Guidelines and Recommendations
- Suitable notes shall be included in the alignment sheets and the applicable drawings to take care of the maximum allowable over bend angle, during construction. The alignment sheets also shall indicate the minimum elastic bend radius.
- The buried pipelines shall be laid in such a way that the profile of the pipeline is smooth and without steep direction change. To achieve this cutting and filling or such other suitable methods shall be done during pipeline construction.
- For a given design parameter, there are two primary options to control the upheaval buckling. The first one is to ensure that the change of angle is within the calculated maximum allowable overbend angle limit for the given soil cover. The second one is to increase the soil resistance to increase the allowable overbend angle. To increase the soil resistance, the most direct method is to increase the soil cover
- If the profile is such that the angle exceeds this limit when routing the pipeline, then suitable grading shall be done to keep the change of angle within limits or alternatively, the allowable angle can be increased by increasing soil cover
- Based on upheaval buckling calculations, the maximum allowable over bend angle per 12 m pipe length shall be defined while pipeline corridor profile grading shall be carried out to keep the change of angle within such allowable over bend angle limits.

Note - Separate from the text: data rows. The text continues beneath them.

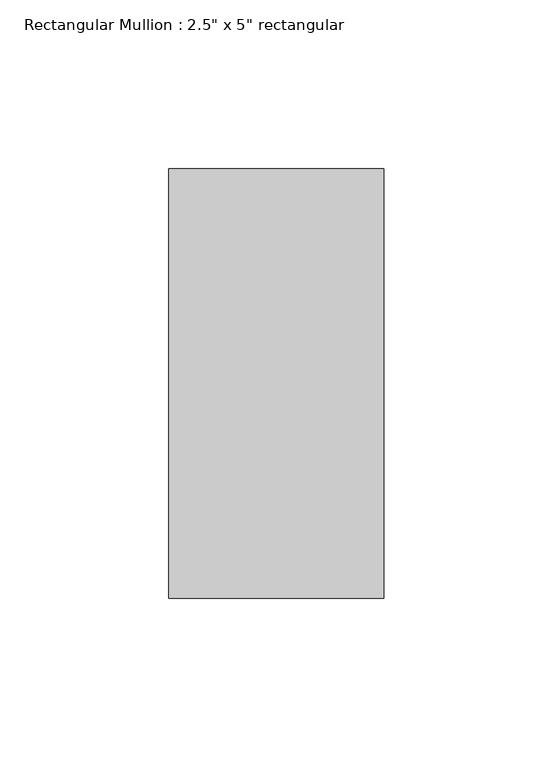
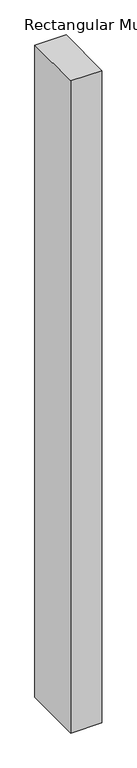
"""IFC4 building model written with IfcOpenShell, lengths in millimetres: member geometry."""

from ifc_helpers import new_model, si_unit, frame, origin, place, context, project, spatial, polyline, outline, extrude, source, transform, mapped, element, save


def member_6ba49134(model_context):
    return source(origin(), model_context, "Body", "SweptSolid", [
        extrude(outline(polyline([(31.75, 63.5), (31.75, -63.5), (-31.75, -63.5), (-31.75, 63.5), (31.75, 63.5)])), frame((0.0, 0.0, -1408.1788335), z_axis=(0.0, 0.0, 1.0), x_axis=(1.0, 0.0, 0.0)), (0.0, 0.0, 1.0), 1408.1788335),
    ])


if __name__ == "__main__":
    model = new_model("IFC4")
    model_context = context("Model", 3, world=origin())
    ifc_project = project(units=[si_unit("LENGTHUNIT", "METRE", prefix="MILLI")], contexts=[model_context])
    site = spatial("IfcSite", under=ifc_project)
    building = spatial("IfcBuilding", under=site)
    placement = place(None, origin())
    member_shape = member_6ba49134(model_context)
    element("IfcMember", 1, ObjectType="Rectangular Mullion : 2.5\" x 5\" rectangular", at=placement, inside=building, context=model_context, shape_type="MappedRepresentation", body=[
        mapped(member_shape, transform((0.0, 0.0, 0.0), x_axis=(1.0, 0.0, 0.0), y_axis=(0.0, 1.0, 0.0), z_axis=(0.0, 0.0, 1.0))),
    ])
    save(model, "model.ifc")

# Revit data of these elements
# Type "Rectangular Mullion : 2.5\" x 5\" rectangular"
#   built-in parameter 1007304 = 0.416667 (stored number, unit not read)
#   built-in parameter 1007301 = 0.104167 (stored number, unit not read)
#   built-in parameter 1007300 = 0.104167 (stored number, unit not read)
# Element 1 (IfcMember, "Rectangular Mullion : 2.5\" x 5\" rectangular")
#   Materials on its faces: "Aluminum"
# Materials
#   "Aluminum": class "Metal", colour RGB 247 247 247, transparency 0, Description = "Aluminum 6061", Cost = 0

- The calculations for normal terrain section in sandy areas shall be carried out for a total effective height of 1.9 meters (1 m is the normal depth of cover and 0.9 m soil cover in lieu of total berm height of 1.0 meter).
- In addition to the requirement in item 9.4 above during corridor grading, the construction team shall survey the top of pipe elevations immediately after lowering at intervals of 100 meters and 10 meters intervals at a change of directions for a reasonable distance both sides. This top of the pipe shall survey shall be carried out for the full entire pipeline in sections before backfilling and shall be completed for the full pipeline length and submitted to the stress engineer for upheaval buckling verification after laying.
- Along with this document, the construction shall refer to relevant documents regarding stress analysis and the maximum allowed angle for field bends.
- If two or more pipelines are laid in the same trench or are in the same corridor with the same grading, the maximum allowable overbend angle shall be the lowest of all the individual maximum overbend angles.
- During the construction, the contractor shall give special attention to rough sections of the route identified in the alignment sheets and shall grade such rough sections suitably in line with the calculation results. This will make sure that during final buckling checks additional cover if required shall be minimum.
As per the past experience, upheaval buckling would be expected at locations with less vertical resistance to axial compressive force in the pipeline sections such as straight sections between nearby road crossings, vertical/ horizontal overbend angles higher than allowed buckling angles, interface between sabkha and non- sabkha areas, at both sides of road crossings, etc.